That’s not necessarily the case when it comes to An Dro.
While the celebrated West Michigan Celtic and world music group will roll out some vocals on occasion, the trio – and sometimes quartet – focuses predominantly on instrumentals, filling the night with the virtuosic splendor of traditional jigs, Irish-hued originals and genre-melding fusion music.
So, don’t expect to hear “The Unicorn Song” or most other “green beer” tunes.
“We do an instrumental version of ‘Danny Boy’ – that’s our tip of the hat to the beloved tunes that people often request, but some of the other green beer tunes … you’ll already get to hear played by every other band in the lineup, so we do take a pass on those,” said percussionist Carolyn Koebel.
“We play instrumental tune sets that have a great spirit and a dance feeling to them, and most of the time, 9-1/2 out of 10 people are perfectly happy with that situation.”
Formed more than seven years ago, the band – Koebel, Jim Spalink (bouzouki, hurdy-gurdy, Celtic harp) and Michele Venegas (fiddle, mandolin), with Cara Lieurance pitching in frequently on accordion, whistle and flute – has become one of Michigan’s pre-eminent Celtic groups while releasing several studio and live recordings.

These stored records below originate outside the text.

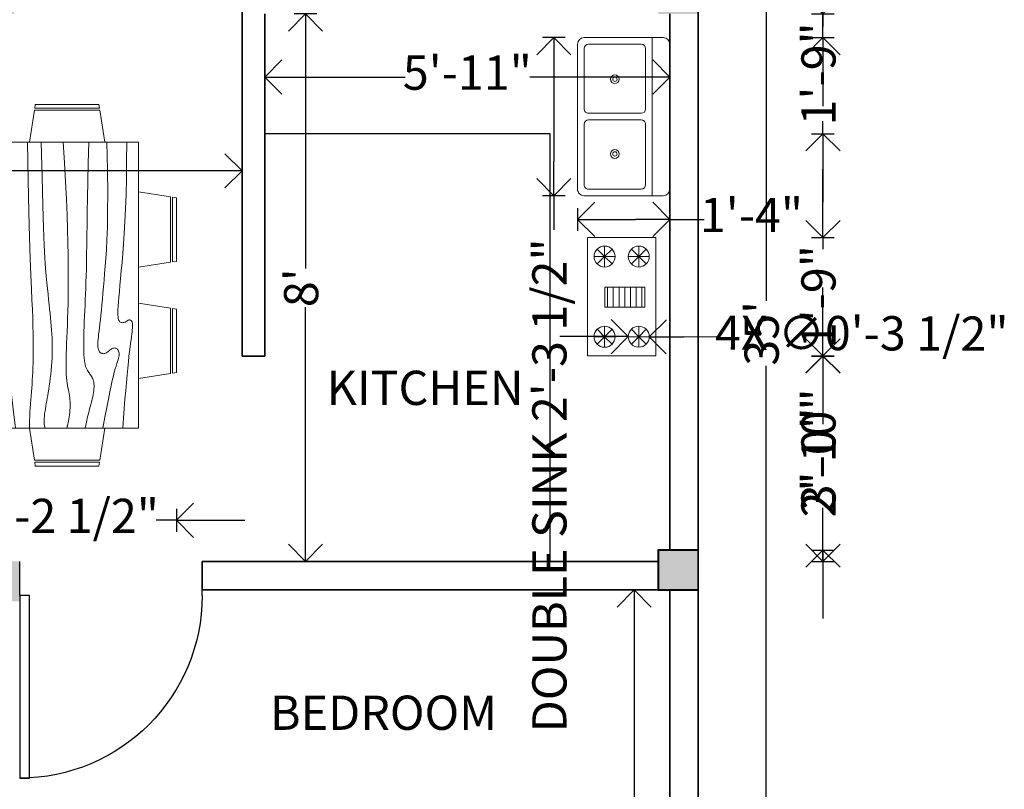
# Model space of a CAD drawing. Units: inches. Extents: x 261 to 714, y 97 to 573.
# Tile 4 of 5: x 541 to 714, y 253 to 388. Entities that reach past the tile are written whole.
import ezdxf

# ---------------------------------------------------------------- set-up
doc = ezdxf.new("R2010")
doc.units = ezdxf.units.IN
for name, color, linetype, lineweight in [('A-ANNO-DIMS', 2, 'Continuous', 18), ('A-AREA-IDEN', 7, 'Continuous', 25), ('A-COLS', 182, 'Continuous', 40), ('A-COLS-PATT', 172, 'Continuous', 13), ('A-DOOR', 182, 'Continuous', 25), ('A-EQPM', 8, 'Continuous', 18), ('A-FLOR-CASE', 182, 'Continuous', 25), ('A-FLOR-FIXT', 8, 'Continuous', 18), ('A-FURN', 8, 'Continuous', 18), ('A-WALL', 182, 'Continuous', 35)]:
    doc.layers.add(name, color=color, linetype=linetype, lineweight=lineweight)
doc.styles.get("Standard").update_dxf_attribs({"font": 'arial.ttf'})
doc.dimstyles.new('ISO-25', dxfattribs={"dimtxt": 6, "dimasz": 6, "dimexe": 2, "dimexo": 2, "dimtad": 0, "dimdec": 1, "dimlunit": 3, "dimtxsty": 'Standard', "dimblk": 'OPEN90', "dimcen": 2.5, "dimclrd": 1, "dimclre": 1, "dimclrt": 1, "dimadec": 0, "dimazin": 0, "dimtfac": 1, "dimtdec": 1, "dimtmove": 0, "dimatfit": 3, "dimfxl": 2, "dimfxlon": 1, "dimarcsym": 0})

# ---------------------------------------------------------------- blocks, each defined once
blk = doc.blocks.new('*U5')
for p, q in [((0, 0), (0, -6)), ((32, 0), (32, -6))]:
    blk.add_line(p, q)
blk.add_lwpolyline([(0, 0), (0, 32), (1.75, 32), (1.75, 0)], close=True)
blk.add_arc((0, 0), 32, 0, 90)
blk = doc.blocks.new('_Open90')
at = {"color": 0, "linetype": 'ByBlock', "lineweight": -2}
for p, q in [((-0.5, 0.5), (0, 0)), ((0, 0), (-1, 0)), ((0, 0), (-0.5, -0.5))]:
    blk.add_line(p, q, dxfattribs=at)
blk = doc.blocks.new('*D15')
at = {"layer": 'A-ANNO-DIMS', "color": 0, "lineweight": -2, "transparency": 16777216}
for p, q in [((352.9, 361.16), (352.9, 359.16)), ((358.9, 361.16), (453.42, 361.16)), ((573.9, 361.16), (479.38, 361.16)), ((579.9, 361.16), (579.9, 359.16))]:
    blk.add_line(p, q, dxfattribs=at)
at = {"layer": 'Defpoints', "color": 0, "transparency": 16777216}
for p in [(352.9, 361.54), (579.9, 361.54), (579.9, 361.16)]:
    blk.add_point(p, dxfattribs=at)
at = {"layer": 'A-ANNO-DIMS', "color": 0, "lineweight": -2, "transparency": 16777216, "xscale": 6, "yscale": 6, "zscale": 6, "rotation": 180}
blk.add_blockref('_Open90', (352.9, 361.16), dxfattribs=at)
at = {"layer": 'A-ANNO-DIMS', "color": 0, "lineweight": -2, "transparency": 16777216, "xscale": 6, "yscale": 6, "zscale": 6}
blk.add_blockref('_Open90', (579.9, 361.16), dxfattribs=at)
at = {"layer": 'A-ANNO-DIMS', "color": 0, "transparency": 16777216, "insert": (466.4, 361.16), "char_height": 6, "attachment_point": 5}
blk.add_mtext('18\'-10"', dxfattribs=at)
blk = doc.blocks.new('*D17')
at = {"layer": 'A-ANNO-DIMS', "color": 0, "lineweight": -2, "transparency": 16777216}
for p, q in [((593.03, 388.66), (589.03, 388.66)), ((591.03, 382.66), (591.03, 344.05)), ((591.03, 298.66), (591.03, 337.27)), ((593.03, 292.66), (589.03, 292.66))]:
    blk.add_line(p, q, dxfattribs=at)
at = {"layer": 'Defpoints', "color": 0, "transparency": 16777216}
for p in [(649.85, 388.66), (591.03, 292.66), (649.85, 292.66)]:
    blk.add_point(p, dxfattribs=at)
at = {"layer": 'A-ANNO-DIMS', "color": 0, "lineweight": -2, "transparency": 16777216, "xscale": 6, "yscale": 6, "zscale": 6}
for p, rotation in [((591.03, 388.66), 90), ((591.03, 292.66), 270)]:
    blk.add_blockref('_Open90', p, dxfattribs=dict(at, rotation=rotation))
at = {"layer": 'A-ANNO-DIMS', "color": 0, "transparency": 16777216, "insert": (591.03, 340.66), "char_height": 6, "attachment_point": 5, "rotation": 90}
blk.add_mtext("8'", dxfattribs=at)
blk = doc.blocks.new('*D18')
at = {"layer": 'A-ANNO-DIMS', "color": 0, "lineweight": -2, "transparency": 16777216}
for p, q in [((583.9, 375.6), (583.9, 379.6)), ((654.9, 375.6), (654.9, 379.6)), ((589.9, 377.6), (608.47, 377.6)), ((648.9, 377.6), (630.33, 377.6))]:
    blk.add_line(p, q, dxfattribs=at)
at = {"layer": 'Defpoints', "color": 0, "transparency": 16777216}
for p in [(654.9, 377.6), (583.9, 358.66), (654.9, 358.66)]:
    blk.add_point(p, dxfattribs=at)
at = {"layer": 'A-ANNO-DIMS', "color": 0, "lineweight": -2, "transparency": 16777216, "xscale": 6, "yscale": 6, "zscale": 6, "rotation": 180}
blk.add_blockref('_Open90', (583.9, 377.6), dxfattribs=at)
at = {"layer": 'A-ANNO-DIMS', "color": 0, "lineweight": -2, "transparency": 16777216, "xscale": 6, "yscale": 6, "zscale": 6}
blk.add_blockref('_Open90', (654.9, 377.6), dxfattribs=at)
at = {"layer": 'A-ANNO-DIMS', "color": 0, "transparency": 16777216, "insert": (619.4, 377.6), "char_height": 6, "attachment_point": 5}
blk.add_mtext('5\'-11"', dxfattribs=at)
blk = doc.blocks.new('*D21')
at = {"layer": 'A-ANNO-DIMS', "color": 0, "lineweight": -2, "transparency": 16777216}
for p, q in [((646.66, 287.66), (650.66, 287.66)), ((648.66, 281.66), (648.66, 233.09)), ((648.66, 173.66), (648.66, 222.22)), ((646.66, 167.66), (650.66, 167.66))]:
    blk.add_line(p, q, dxfattribs=at)
at = {"layer": 'Defpoints', "color": 0, "transparency": 16777216}
for p in [(643.84, 287.66), (643.84, 167.66), (648.66, 167.66)]:
    blk.add_point(p, dxfattribs=at)
at = {"layer": 'A-ANNO-DIMS', "color": 0, "lineweight": -2, "transparency": 16777216, "xscale": 6, "yscale": 6, "zscale": 6}
for p, rotation in [((648.66, 287.66), 90), ((648.66, 167.66), 270)]:
    blk.add_blockref('_Open90', p, dxfattribs=dict(at, rotation=rotation))
at = {"layer": 'A-ANNO-DIMS', "color": 0, "transparency": 16777216, "insert": (648.66, 227.66), "char_height": 6, "attachment_point": 5, "rotation": 90}
blk.add_mtext("10'", dxfattribs=at)
blk = doc.blocks.new('Sink-double - 36 in top')
for p, q in [((-18, -4), (18, -4)), ((-0.75, -18.5), (-0.75, -6.5)), ((0.75, -6.5), (0.75, -18.5))]:
    blk.add_line(p, q)
for points in [[(-16.5, 0), (16.5, 0)], [(-18, -19.5), (-18, -1.5)], [(18, -1.5), (18, -19.5)], [(-16.5, -18.5), (-16.5, -6.5)], [(-15.5, -5.5), (-1.75, -5.5)], [(1.75, -5.5), (15.5, -5.5)], [(16.5, -6.5), (16.5, -18.5)], [(-1.75, -19.5), (-15.5, -19.5)], [(15.5, -19.5), (1.75, -19.5)], [(16.5, -21), (-16.5, -21)]]:
    blk.add_lwpolyline(points)
for centre, radius in [((-8.5, -12.5), 1), ((-8.5, -12.5), 0.5), ((8.5, -12.5), 1), ((8.5, -12.5), 0.5)]:
    blk.add_circle(centre, radius)
for centre, radius, start, end in [((-16.5, -1.5), 1.5, 90, 180), ((16.5, -1.5), 1.5, 0, 90), ((-15.5, -6.5), 1, 90, 180), ((-1.75, -6.5), 1, 0, 90), ((1.75, -6.5), 1, 90, 180), ((15.5, -6.5), 1, 0, 90), ((-16.5, -19.5), 1.5, 180, 270), ((-15.5, -18.5), 1, 180, 270), ((-1.75, -18.5), 1, 270, 0), ((1.75, -18.5), 1, 180, 270), ((15.5, -18.5), 1, 270, 0), ((16.5, -19.5), 1.5, 270, 0)]:
    blk.add_arc(centre, radius, start, end)
blk = doc.blocks.new('Dining Set - 36 x 72 in.')
for p, q in [((-22, 27.5), (-22.1562, 26.50042)), ((-22, 27.5), (-6, 27.5)), ((-5.8437, 26.49966), (-6, 27.5)), ((6, 27.5), (5.8438, 26.50042)), ((6, 27.5), (22, 27.5)), ((22.1563, 26.49966), (22, 27.5)), ((-22.2343, 26.00059), (-23.4847, 17.99762)), ((-22.2304, 26), (-5.7608, 26)), ((-5.8416, 26.5), (-22.1534, 26.5)), ((-4.5152, 17.99762), (-5.7655, 25.99926)), ((5.7657, 26.00059), (4.5153, 17.99762)), ((5.7696, 26), (22.2392, 26)), ((22.1584, 26.5), (5.8466, 26.5)), ((23.4848, 17.99762), (22.2345, 25.99926)), ((36, 18), (-36, 18)), ((-36, 18), (-36, -18)), ((36, -18), (36, 18)), ((-45.5, 8), (-44.5004, 8.15617)), ((-45.5, 8), (-45.5, -8)), ((-44.5, -8.15843), (-44.5, 8.15338)), ((-44.0006, 8.23428), (-35.9976, 9.48474)), ((-44, 8.23041), (-44, -8.23915)), ((44.0006, 8.23428), (35.9976, 9.48474)), ((44, 8.23041), (44, -8.23915)), ((44.5, -8.15843), (44.5, 8.15338)), ((45.5, 8), (44.5005, 8.15617)), ((45.5, 8), (45.5, -8)), ((-44.4997, -8.15631), (-45.5, -8)), ((-35.9976, -9.48476), (-43.9993, -8.2345)), ((35.9976, -9.48476), (43.9993, -8.2345)), ((44.4997, -8.15631), (45.5, -8)), ((-36, -18), (36, -18)), ((-22.2343, -26.0006), (-23.4847, -17.99762)), ((-4.5152, -17.99762), (-5.7655, -25.99928)), ((5.7657, -26.0006), (4.5153, -17.99762)), ((23.4848, -17.99762), (22.2345, -25.99928)), ((-22.2304, -26), (-5.7608, -26)), ((-22, -27.5), (-22.1562, -26.50044)), ((-5.8416, -26.5), (-22.1534, -26.5)), ((-5.8437, -26.49967), (-6, -27.5)), ((5.7696, -26), (22.2392, -26)), ((6, -27.5), (5.8438, -26.50044)), ((22.1584, -26.5), (5.8466, -26.5)), ((22.1563, -26.49967), (22, -27.5)), ((-22, -27.5), (-6, -27.5)), ((6, -27.5), (22, -27.5))]:
    blk.add_line(p, q)
for points in [[(-36, 15), (-31.1772, 14.97754), (-26.8079, 14.91406), (-22.8538, 14.81543), (-19.276, 14.6875), (-16.0362, 14.53613), (-13.0957, 14.36718), (-10.4159, 14.18652), (-7.9583, 14), (-5.6904, 13.81315), (-3.6035, 13.63021), (-1.6954, 13.45508), (0.0365, 13.29166), (1.5945, 13.14388), (2.9811, 13.01562), (4.1988, 12.9108), (5.25, 12.83333), (6.1393, 12.78613), (6.8802, 12.76823), (7.4883, 12.77767), (7.9792, 12.8125), (8.3685, 12.87077), (8.6719, 12.95052), (8.9049, 13.0498), (9.0833, 13.16666), (9.2205, 13.29899), (9.3216, 13.44401), (9.3895, 13.59879), (9.4271, 13.76041), (9.4373, 13.92594), (9.4232, 14.09245), (9.3875, 14.257), (9.3333, 14.41666), (9.2638, 14.56917), (9.1836, 14.71484), (9.0975, 14.85465), (9.0104, 14.98958), (8.9272, 15.1206), (8.8529, 15.2487), (8.7922, 15.37483), (8.75, 15.5), (8.7305, 15.62467), (8.7344, 15.74739), (8.7617, 15.86621), (8.8125, 15.97916), (8.8867, 16.08431), (8.9844, 16.17968), (9.1055, 16.26334), (9.25, 16.33333), (9.4189, 16.38802), (9.6172, 16.42708), (9.8506, 16.45052), (10.125, 16.45833), (10.4463, 16.45052), (10.8203, 16.42708), (11.2529, 16.38802), (11.75, 16.33333), (12.3184, 16.26318), (12.9694, 16.17838), (13.7151, 16.07991), (14.5677, 15.96875), (15.5395, 15.84586), (16.6426, 15.71224), (17.8893, 15.56884), (19.2917, 15.41666), (20.859, 15.25667), (22.5879, 15.08984), (24.4721, 14.91715), (26.5052, 14.73958), (28.6809, 14.5581), (30.9929, 14.3737), (33.4347, 14.18733), (36, 14)], [(-36, 10), (-28.9766, 10.14274), (-23.1725, 10.20442), (-18.4241, 10.19775), (-14.5677, 10.13541), (-11.4399, 10.03011), (-8.877, 9.89453), (-6.7154, 9.74137), (-4.7917, 9.58333), (-2.9698, 9.43082), (-1.2246, 9.28515), (0.4415, 9.14534), (2.026, 9.01041), (3.5266, 8.87939), (4.9408, 8.7513), (6.266, 8.62516), (7.5, 8.5), (8.6411, 8.37549), (9.6914, 8.2539), (10.6538, 8.13818), (11.5312, 8.03125), (12.3267, 7.93603), (13.043, 7.85547), (13.6831, 7.79248), (14.25, 7.75), (14.7471, 7.7303), (15.1797, 7.73307), (15.5537, 7.75732), (15.875, 7.80208), (16.1494, 7.86637), (16.3828, 7.94922), (16.5811, 8.04964), (16.75, 8.16666), (16.8944, 8.29915), (17.0143, 8.44531), (17.1089, 8.60319), (17.1771, 8.77083), (17.218, 8.94629), (17.2305, 9.1276), (17.2137, 9.31282), (17.1667, 9.5), (17.0895, 9.6875), (16.987, 9.875), (16.8649, 10.0625), (16.7292, 10.25), (16.5856, 10.4375), (16.4401, 10.625), (16.2985, 10.8125), (16.1667, 11), (16.05, 11.18733), (15.9518, 11.3737), (15.8752, 11.5581), (15.8229, 11.73958), (15.798, 11.91715), (15.8034, 12.08984), (15.842, 12.25667), (15.9167, 12.41666), (16.0295, 12.56836), (16.1784, 12.70833), (16.3605, 12.83268), (16.5729, 12.9375), (16.8127, 13.01888), (17.0768, 13.07291), (17.3625, 13.0957), (17.6667, 13.08333), (17.9894, 13.03312), (18.3418, 12.94726), (18.7382, 12.82918), (19.1927, 12.68229), (19.7195, 12.51001), (20.3327, 12.31575), (21.0465, 12.10294), (21.875, 11.875), (22.8357, 11.63354), (23.959, 11.37304), (25.2786, 11.08618), (26.8282, 10.76562), (28.6414, 10.40405), (30.752, 9.99414), (33.1936, 9.52856), (36, 9)], [(-36, 5.5), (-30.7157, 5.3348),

Not surprisingly, An Dro is bracing for another uber-intense week of mid-March performances, with eight shows at eight different venues in eight days. And most of those will focus on the band’s unparalleled instrumentals.
SURPRISING FANS WITH THE ENGAGING NATURE OF INSTRUMENTAL MUSIC
“It’s sort of a pre-determinate notion people have so they’re surprised that you’re not going to sing,” Koebel said.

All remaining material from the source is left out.